Vier Bundespolizisten, deren Aussagen König belasten, hatten rund zwei Monate nach den Ereignissen nahezu gleich lautende Berichte geschrieben. Trotz ihrer unglaubwürdigen Behauptung, sie hätten die Berichte frei und selbstständig verfasst, wurden sie weder unter Eid vernommen noch vor den Konsequenzen einer offensichtlichen Falschaussage gewarnt.

Ein Video der Verteidigung, das vom Dach von Königs Lautsprecherwagen gefilmt wurde, zeigt, wie brutal die Polizei vorging und wie dreist sie im Zeugenstand den Tathergang verfälschte. Es dokumentiert, wie Polizeibeamte mit Schlagstöcken einen Jugendlichen verprügeln, dem König angeblich zur Flucht verholfen haben soll. Wegen der öffentlichen Aufmerksamkeit sah sich die Staatsanwaltschaft nach zwei Jahren schließlich genötigt, ein Verfahren wegen „Körperverletzung im Amt“ gegen die beiden Beamten einzuleiten.

Deren Vorgesetzter, Mannschaftsführer Alexander E., war im Prozess gegen König im Zeugenstand und konnte sich an keine Schlagstöcke erinnern. Konfrontiert mit dem Video der Straftat lachte er. Auf Nachfragen der Verteidigung reagierte er erst ausweichend und dann barsch: „Seien sie mal ruhig!“. Obwohl er 23 Tage nach den Vorfällen noch zu Protokoll gegeben hatte, es nicht genau zu wissen, beharrte er nun darauf, dass aus dem Lautsprecherwagen von König„definitiv“ der Aufruf gekommen sei: „Deckt die Bullen mit Steinen ein!“

Königs Unschuld ist mit jedem Prozesstag deutlicher und das Verfahren zu einer schlechten Farce geworden. „Legt man die Anklageschrift zugrunde, müssen die Aufnahmen aus einem Paralleluniversum stammen“, kommentierte die taz. „Vor Gericht läuft das dann immer so ab: Der Verteidiger befragt Polizisten, und die sind sich mit ihrer Aussage ganz sicher. Das Video wird gezeigt. Die Polizisten sagen dann: Da ist meine Erinnerung anders.“

Trotz der Beweise zu seinen Gunsten sieht König den Ausgang des Prozesses pessimistisch. Bereits am Anfang hatte er in einem Interview gesagt, „bei diesem Filz“ – gemeint waren die Behörden – werde es in der ersten Instanz zu einer Verurteilung kommen.

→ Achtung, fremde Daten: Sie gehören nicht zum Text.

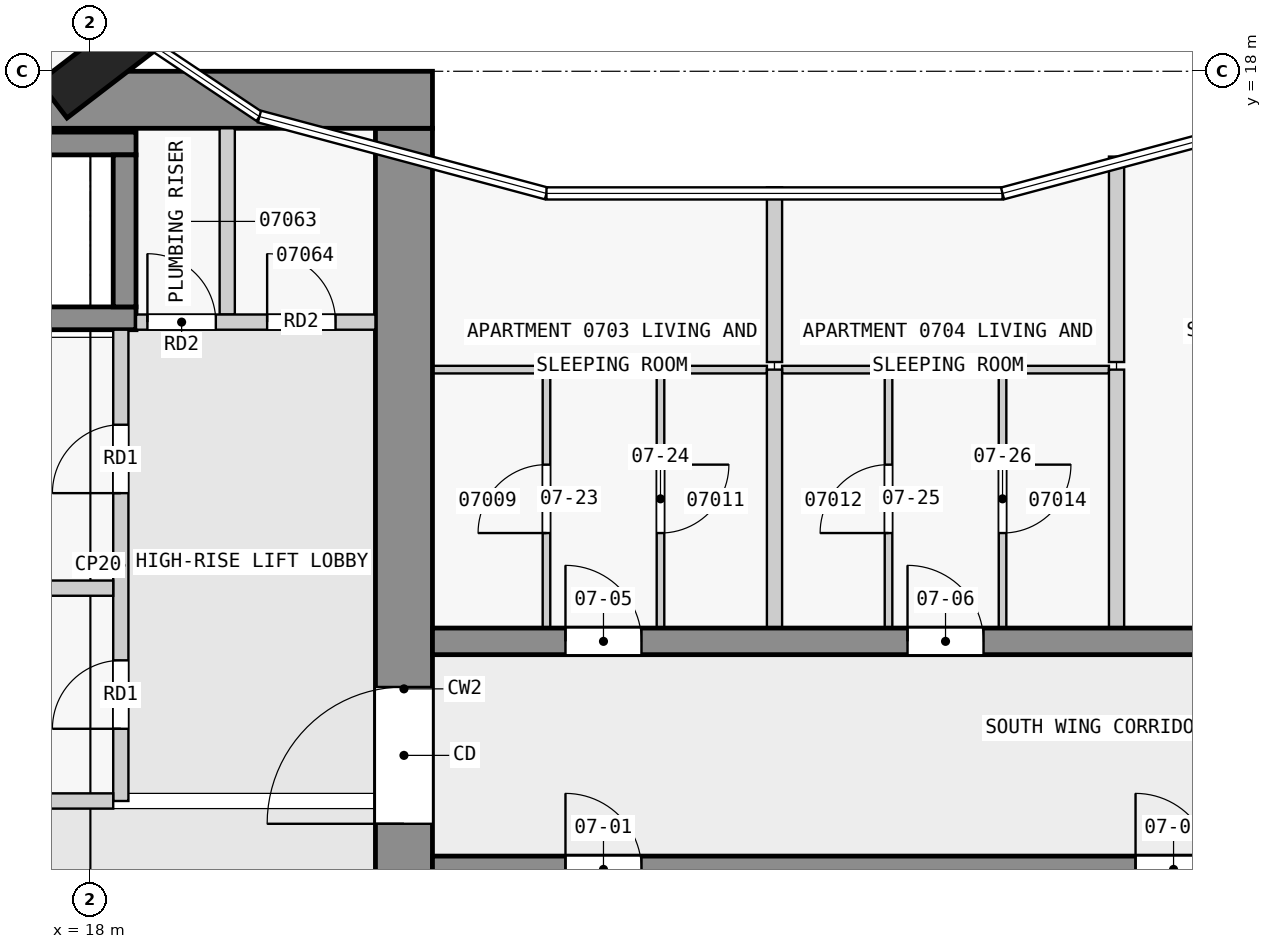
"""IFC4 building model, lengths in metres.
Left out: names, types, materials, properties, quantities, classifications, styles, units other than length and angle.
Written with IfcOpenShell. Run it as: python <this file> out.ifc"""

import sys

from ifc_helpers import new_model, si_unit, direction, frame, frame_2d, origin, origin_2d, place, context, subcontext, project, spatial, rectangle, extrude, element, fill, save


model = new_model("IFC4")
c1 = context("Model", 3, precision=1e-05, world=origin(), true_north=direction((0.0, 1.0)))
c2 = subcontext(c1, "Body", "Model", "MODEL_VIEW")
j1 = project(units=[si_unit("LENGTHUNIT", "METRE"), si_unit("PLANEANGLEUNIT", "RADIAN")], contexts=[c1])
p1 = place(None, origin())
s1 = spatial("IfcSite", under=j1, at=p1, CompositionType="ELEMENT")
p2 = place(p1, origin())
s2 = spatial("IfcBuilding", under=s1, at=p2, CompositionType="ELEMENT")
p3 = place(p2, frame((0.0, 0.0, 33.8)))
s3 = spatial("IfcBuildingStorey", under=s2, at=p3, CompositionType="ELEMENT", Elevation=33.8)
p4 = place(p3, frame((18.065, 18.05, 0.0), z_axis=(0.0, 0.0, 1.0), x_axis=(-0.608810846443, 0.793315418515, 0.0)))
e1 = element("IfcColumn", 1, at=p4, inside=s3, PredefinedType="COLUMN", context=c2, shape_type="SweptSolid", body=[
    extrude(rectangle(XDim=0.6, YDim=1.4, at=origin_2d()), origin(), (0.0, 0.0, 1.0), 3.5),
])
p5 = place(p3, frame((1.55, 17.625, 0.0), z_axis=(0.0, 0.0, 1.0), x_axis=(1.0, 0.0, 0.0)))
e2 = element("IfcWall", 2, at=p5, inside=s3, PredefinedType="SHEAR", context=c2, shape_type="SweptSolid", body=[
    extrude(rectangle(XDim=20.95, YDim=0.75, at=frame_2d((10.475, 0.0))), origin(), (0.0, 0.0, 1.0), 3.25),
])
p6 = place(p5, frame((6.55, 0.0, 0.0)))
e3 = element("IfcOpeningElement", 3, at=p6, cuts=e2, PredefinedType="OPENING", context=c2, shape_type="SweptSolid", body=[
    extrude(rectangle(XDim=1.8, YDim=2.1, at=frame_2d((0.9, 1.05))), frame((0.0, 0.385, 0.0), z_axis=(0.0, -1.0, 0.0), x_axis=(1.0, 0.0, 0.0)), (0.0, 0.0, 1.0), 0.77),
])
p7 = place(p3, frame((22.125, 2.5, 0.0), z_axis=(0.0, 0.0, 1.0), x_axis=(0.0, 1.0, 0.0)))
e4 = element("IfcWall", 4, at=p7, inside=s3, PredefinedType="SHEAR", context=c2, shape_type="SweptSolid", body=[
    extrude(rectangle(XDim=14.75, YDim=0.75, at=frame_2d((7.375, 0.0))), origin(), (0.0, 0.0, 1.0), 3.25),
])
p8 = place(p7, frame((5.6, 0.0, 0.0)))
e5 = element("IfcOpeningElement", 5, at=p8, cuts=e4, PredefinedType="OPENING", context=c2, shape_type="SweptSolid", body=[
    extrude(rectangle(XDim=1.8, YDim=2.1, at=frame_2d((0.9, 1.05))), frame((0.0, 0.385, 0.0), z_axis=(0.0, -1.0, 0.0), x_axis=(1.0, 0.0, 0.0)), (0.0, 0.0, 1.0), 0.77),
])
for number, where, z_axis, x_axis in (
    (6, (10.8, 17.05, 0.0), (0.0, 0.0, 1.0), (1.0, 0.0, 0.0)),
    (7, (10.8, 14.75, 0.0), (0.0, 0.0, 1.0), (1.0, 0.0, 0.0)),
):
    element("IfcWall", number, at=place(p3, frame(where, z_axis=z_axis, x_axis=x_axis)), inside=s3, PredefinedType="SHEAR", context=c2, shape_type="SweptSolid", body=[
        extrude(rectangle(XDim=7.8, YDim=0.3, at=frame_2d((3.9, 0.0))), origin(), (0.0, 0.0, 1.0), 3.25),
    ])
p9 = place(p3, frame((18.45, 14.9, 0.0), z_axis=(0.0, 0.0, 1.0), x_axis=(0.0, 1.0, 0.0)))
e8 = element("IfcWall", 8, at=p9, inside=s3, PredefinedType="SHEAR", context=c2, shape_type="SweptSolid", body=[
    extrude(rectangle(XDim=2.0, YDim=0.3, at=frame_2d((1.0, 0.0))), origin(), (0.0, 0.0, 1.0), 3.25),
])
p10 = place(p3, frame((22.5, 7.5, 0.0), z_axis=(0.0, 0.0, 1.0), x_axis=(1.0, 0.0, 0.0)))
e9 = element("IfcWall", 9, at=p10, inside=s3, PredefinedType="SHEAR", context=c2, shape_type="SweptSolid", body=[
    extrude(rectangle(XDim=22.5, YDim=0.35, at=frame_2d((11.25, 0.0))), origin(), (0.0, 0.0, 1.0), 3.25),
])
p11 = place(p10, frame((1.75, 0.0, 0.0)))
e10 = element("IfcOpeningElement", 10, at=p11, cuts=e9, PredefinedType="OPENING", context=c2, shape_type="SweptSolid", body=[
    extrude(rectangle(XDim=1.0, YDim=2.1, at=frame_2d((0.5, 1.05))), frame((0.0, 0.185, 0.0), z_axis=(0.0, -1.0, 0.0), x_axis=(1.0, 0.0, 0.0)), (0.0, 0.0, 1.0), 0.37),
])
p12 = place(p10, frame((9.25, 0.0, 0.0)))
e11 = element("IfcOpeningElement", 11, at=p12, cuts=e9, PredefinedType="OPENING", context=c2, shape_type="SweptSolid", body=[
    extrude(rectangle(XDim=1.0, YDim=2.1, at=frame_2d((0.5, 1.05))), frame((0.0, 0.185, 0.0), z_axis=(0.0, -1.0, 0.0), x_axis=(1.0, 0.0, 0.0)), (0.0, 0.0, 1.0), 0.37),
])
p13 = place(p10, frame((18.75, 0.0, 0.0)))
e12 = element("IfcOpeningElement", 12, at=p13, cuts=e9, PredefinedType="OPENING", context=c2, shape_type="SweptSolid", body=[
    extrude(rectangle(XDim=0.9, YDim=2.1, at=frame_2d((0.45, 1.05))), frame((0.0, 0.185, 0.0), z_axis=(0.0, -1.0, 0.0), x_axis=(1.0, 0.0, 0.0)), (0.0, 0.0, 1.0), 0.37),
])
p14 = place(p10, frame((20.95, 0.0, 0.0)))
e13 = element("IfcOpeningElement", 13, at=p14, cuts=e9, PredefinedType="OPENING", context=c2, shape_type="SweptSolid", body=[
    extrude(rectangle(XDim=1.0, YDim=2.1, at=frame_2d((0.5, 1.05))), frame((0.0, 0.185, 0.0), z_axis=(0.0, -1.0, 0.0), x_axis=(1.0, 0.0, 0.0)), (0.0, 0.0, 1.0), 0.37),
])
p15 = place(p3, frame((22.5, 10.5, 0.0), z_axis=(0.0, 0.0, 1.0), x_axis=(1.0, 0.0, 0.0)))
e14 = element("IfcWall", 14, at=p15, inside=s3, PredefinedType="SHEAR", context=c2, shape_type="SweptSolid", body=[
    extrude(rectangle(XDim=22.5, YDim=0.35, at=frame_2d((11.25, 0.0))), origin(), (0.0, 0.0, 1.0), 3.25),
])
p16 = place(p15, frame((1.75, 0.0, 0.0)))
e15 = element("IfcOpeningElement", 15, at=p16, cuts=e14, PredefinedType="OPENING", context=c2, shape_type="SweptSolid", body=[
    extrude(rectangle(XDim=1.0, YDim=2.1, at=frame_2d((0.5, 1.05))), frame((0.0, 0.185, 0.0), z_axis=(0.0, -1.0, 0.0), x_axis=(1.0, 0.0, 0.0)), (0.0, 0.0, 1.0), 0.37),
])
p17 = place(p15, frame((6.25, 0.0, 0.0)))
e16 = element("IfcOpeningElement", 16, at=p17, cuts=e14, PredefinedType="OPENING", context=c2, shape_type="SweptSolid", body=[
    extrude(rectangle(XDim=1.0, YDim=2.1, at=frame_2d((0.5, 1.05))), frame((0.0, 0.185, 0.0), z_axis=(0.0, -1.0, 0.0), x_axis=(1.0, 0.0, 0.0)), (0.0, 0.0, 1.0), 0.37),
])
p18 = place(p15, frame((10.75, 0.0, 0.0)))
e17 = element("IfcOpeningElement", 17, at=p18, cuts=e14, PredefinedType="OPENING", context=c2, shape_type="SweptSolid", body=[
    extrude(rectangle(XDim=1.0, YDim=2.1, at=frame_2d((0.5, 1.05))), frame((0.0, 0.185, 0.0), z_axis=(0.0, -1.0, 0.0), x_axis=(1.0, 0.0, 0.0)), (0.0, 0.0, 1.0), 0.37),
])
p19 = place(p15, frame((16.85, 0.0, 0.0)))
e18 = element("IfcOpeningElement", 18, at=p19, cuts=e14, PredefinedType="OPENING", context=c2, shape_type="SweptSolid", body=[
    extrude(rectangle(XDim=1.0, YDim=2.1, at=frame_2d((0.5, 1.05))), frame((0.0, 0.185, 0.0), z_axis=(0.0, -1.0, 0.0), x_axis=(1.0, 0.0, 0.0)), (0.0, 0.0, 1.0), 0.37),
])
p20 = place(p3, frame((10.9, 8.4, 0.0), z_axis=(0.0, 0.0, 1.0), x_axis=(1.0, 0.0, 0.0)))
e19 = element("IfcWall", 19, at=p20, inside=s3, PredefinedType="PARTITIONING", context=c2, shape_type="SweptSolid", body=[
    extrude(rectangle(XDim=7.4, YDim=0.2, at=frame_2d((3.7, 0.0))), origin(), (0.0, 0.0, 1.0), 3.25),
])
p21 = place(p3, frame((18.4, 8.4, 0.0), z_axis=(0.0, 0.0, 1.0), x_axis=(0.0, 1.0, 0.0)))
e20 = element("IfcWall", 20, at=p21, inside=s3, PredefinedType="PARTITIONING", context=c2, shape_type="SweptSolid", body=[
    extrude(rectangle(XDim=6.2, YDim=0.2, at=frame_2d((3.1, 0.0))), origin(), (0.0, 0.0, 1.0), 3.25),
])
p22 = place(p21, frame((0.95, 0.0, 0.0)))
e21 = element("IfcOpeningElement", 21, at=p22, cuts=e20, PredefinedType="OPENING", context=c2, shape_type="SweptSolid", body=[
    extrude(rectangle(XDim=0.9, YDim=2.1, at=frame_2d((0.45, 1.05))), frame((0.0, 0.11, 0.0), z_axis=(0.0, -1.0, 0.0), x_axis=(1.0, 0.0, 0.0)), (0.0, 0.0, 1.0), 0.22),
])
p23 = place(p21, frame((4.05, 0.0, 0.0)))
e22 = element("IfcOpeningElement", 22, at=p23, cuts=e20, PredefinedType="OPENING", context=c2, shape_type="SweptSolid", body=[
    extrude(rectangle(XDim=0.9, YDim=2.1, at=frame_2d((0.45, 1.05))), frame((0.0, 0.11, 0.0), z_axis=(0.0, -1.0, 0.0), x_axis=(1.0, 0.0, 0.0)), (0.0, 0.0, 1.0), 0.22),
])
p24 = place(p3, frame((10.9, 11.2, 0.0), z_axis=(0.0, 0.0, 1.0), x_axis=(1.0, 0.0, 0.0)))
e23 = element("IfcWall", 23, at=p24, inside=s3, PredefinedType="PARTITIONING", context=c2, shape_type="SweptSolid", body=[
    extrude(rectangle(XDim=7.4, YDim=0.2, at=frame_2d((3.7, 0.0))), origin(), (0.0, 0.0, 1.0), 3.25),
])
p25 = place(p3, frame((18.6, 14.7, 0.0), z_axis=(0.0, 0.0, 1.0), x_axis=(1.0, 0.0, 0.0)))
e24 = element("IfcWall", 24, at=p25, inside=s3, PredefinedType="PARTITIONING", context=c2, shape_type="SweptSolid", body=[
    extrude(rectangle(XDim=3.15, YDim=0.2, at=frame_2d((1.575, 0.0))), origin(), (0.0, 0.0, 1.0), 3.25),
])
p26 = place(p25, frame((0.15, 0.0, 0.0)))
e25 = element("IfcOpeningElement", 25, at=p26, cuts=e24, PredefinedType="OPENING", context=c2, shape_type="SweptSolid", body=[
    extrude(rectangle(XDim=0.9, YDim=2.1, at=frame_2d((0.45, 1.05))), frame((0.0, 0.11, 0.0), z_axis=(0.0, -1.0, 0.0), x_axis=(1.0, 0.0, 0.0)), (0.0, 0.0, 1.0), 0.22),
])
p27 = place(p25, frame((1.725, 0.0, 0.0)))
e26 = element("IfcOpeningElement", 26, at=p27, cuts=e24, PredefinedType="OPENING", context=c2, shape_type="SweptSolid", body=[
    extrude(rectangle(XDim=0.9, YDim=2.1, at=frame_2d((0.45, 1.05))), frame((0.0, 0.11, 0.0), z_axis=(0.0, -1.0, 0.0), x_axis=(1.0, 0.0, 0.0)), (0.0, 0.0, 1.0), 0.22),
])
p28 = place(p3, frame((19.8, 14.8, 0.0), z_axis=(0.0, 0.0, 1.0), x_axis=(0.0, 1.0, 0.0)))
e27 = element("IfcWall", 27, at=p28, inside=s3, PredefinedType="PARTITIONING", context=c2, shape_type="SweptSolid", body=[
    extrude(rectangle(XDim=2.45, YDim=0.2, at=frame_2d((1.225, 0.0))), origin(), (0.0, 0.0, 1.0), 3.25),
])
p29 = place(p3, frame((23.95, 14.075, 0.0), z_axis=(0.0, 0.0, 1.0), x_axis=(-1.0, 0.0, 0.0)))
e28 = element("IfcWall", 28, at=p29, inside=s3, PredefinedType="PARTITIONING", context=c2, shape_type="SweptSolid", body=[
    extrude(rectangle(XDim=1.45, YDim=0.1, at=frame_2d((0.725, 0.0))), origin(), (0.0, 0.0, 1.0), 3.25),
])
for number, where, z_axis, x_axis in (
    (29, (26.9, 14.075, 0.0), (0.0, 0.0, 1.0), (-1.0, 0.0, 0.0)),
    (30, (28.45, 14.075, 0.0), (0.0, 0.0, 1.0), (-1.0, 0.0, 0.0)),
    (31, (31.4, 14.075, 0.0), (0.0, 0.0, 1.0), (-1.0, 0.0, 0.0)),
):
    element("IfcWall", number, at=place(p3, frame(where, z_axis=z_axis, x_axis=x_axis)), inside=s3, PredefinedType="PARTITIONING", context=c2, shape_type="SweptSolid", body=[
        extrude(rectangle(XDim=1.35, YDim=0.1, at=frame_2d((0.675, 0.0))), origin(), (0.0, 0.0, 1.0), 3.25),
    ])
p30 = place(p3, frame((24.0, 10.675, 0.0), z_axis=(0.0, 0.0, 1.0), x_axis=(0.0, 1.0, 0.0)))
e32 = element("IfcWall", 32, at=p30, inside=s3, PredefinedType="PARTITIONING", context=c2, shape_type="SweptSolid", body=[
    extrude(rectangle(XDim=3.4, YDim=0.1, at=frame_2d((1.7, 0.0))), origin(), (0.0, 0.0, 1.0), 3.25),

Der Vorsitzende Richter Ullrich Stein hat angedeutet, dass nicht nur die konkreten Tatvorwürfe, sondern Königs Verhalten während des gesamten Tages bei der Urteilsfindung ausschlaggebend sein werde. Befürchtungen, dass er König verurteilt, sind nicht unbegründet.

Nur wenige Monate vor Prozessbeginn hatte dasselbe Gericht den nicht vorbestraften Tim H. wegen besonders schweren Landfriedensbruchs, Körperverletzung und Beleidigung zu 22 Monaten Haft ohne Bewährung verurteilt. Auch in diesem Fall waren weder das Gericht noch die Staatsanwaltschaft in der Lage, konkrete Taten oder auch nur eine allgemeine Tatbeteiligung des Angeklagten nachzuweisen. (siehe: „Dresden: drastisches Urteil gegen Neo-Nazigegner”)

Vier Bürgerrechtsorganisationen – die Humanistische Union, das Komitee für Grundrechte und Demokratie, der Republikanische Anwältinnen- und Anwälteverein und die Vereinigung Demokratischer Juristinnen und Juristen – haben das Verfahren gegen König schon zum Auftakt in einer Erklärung als „politischen Prozess“ gebrandmarkt.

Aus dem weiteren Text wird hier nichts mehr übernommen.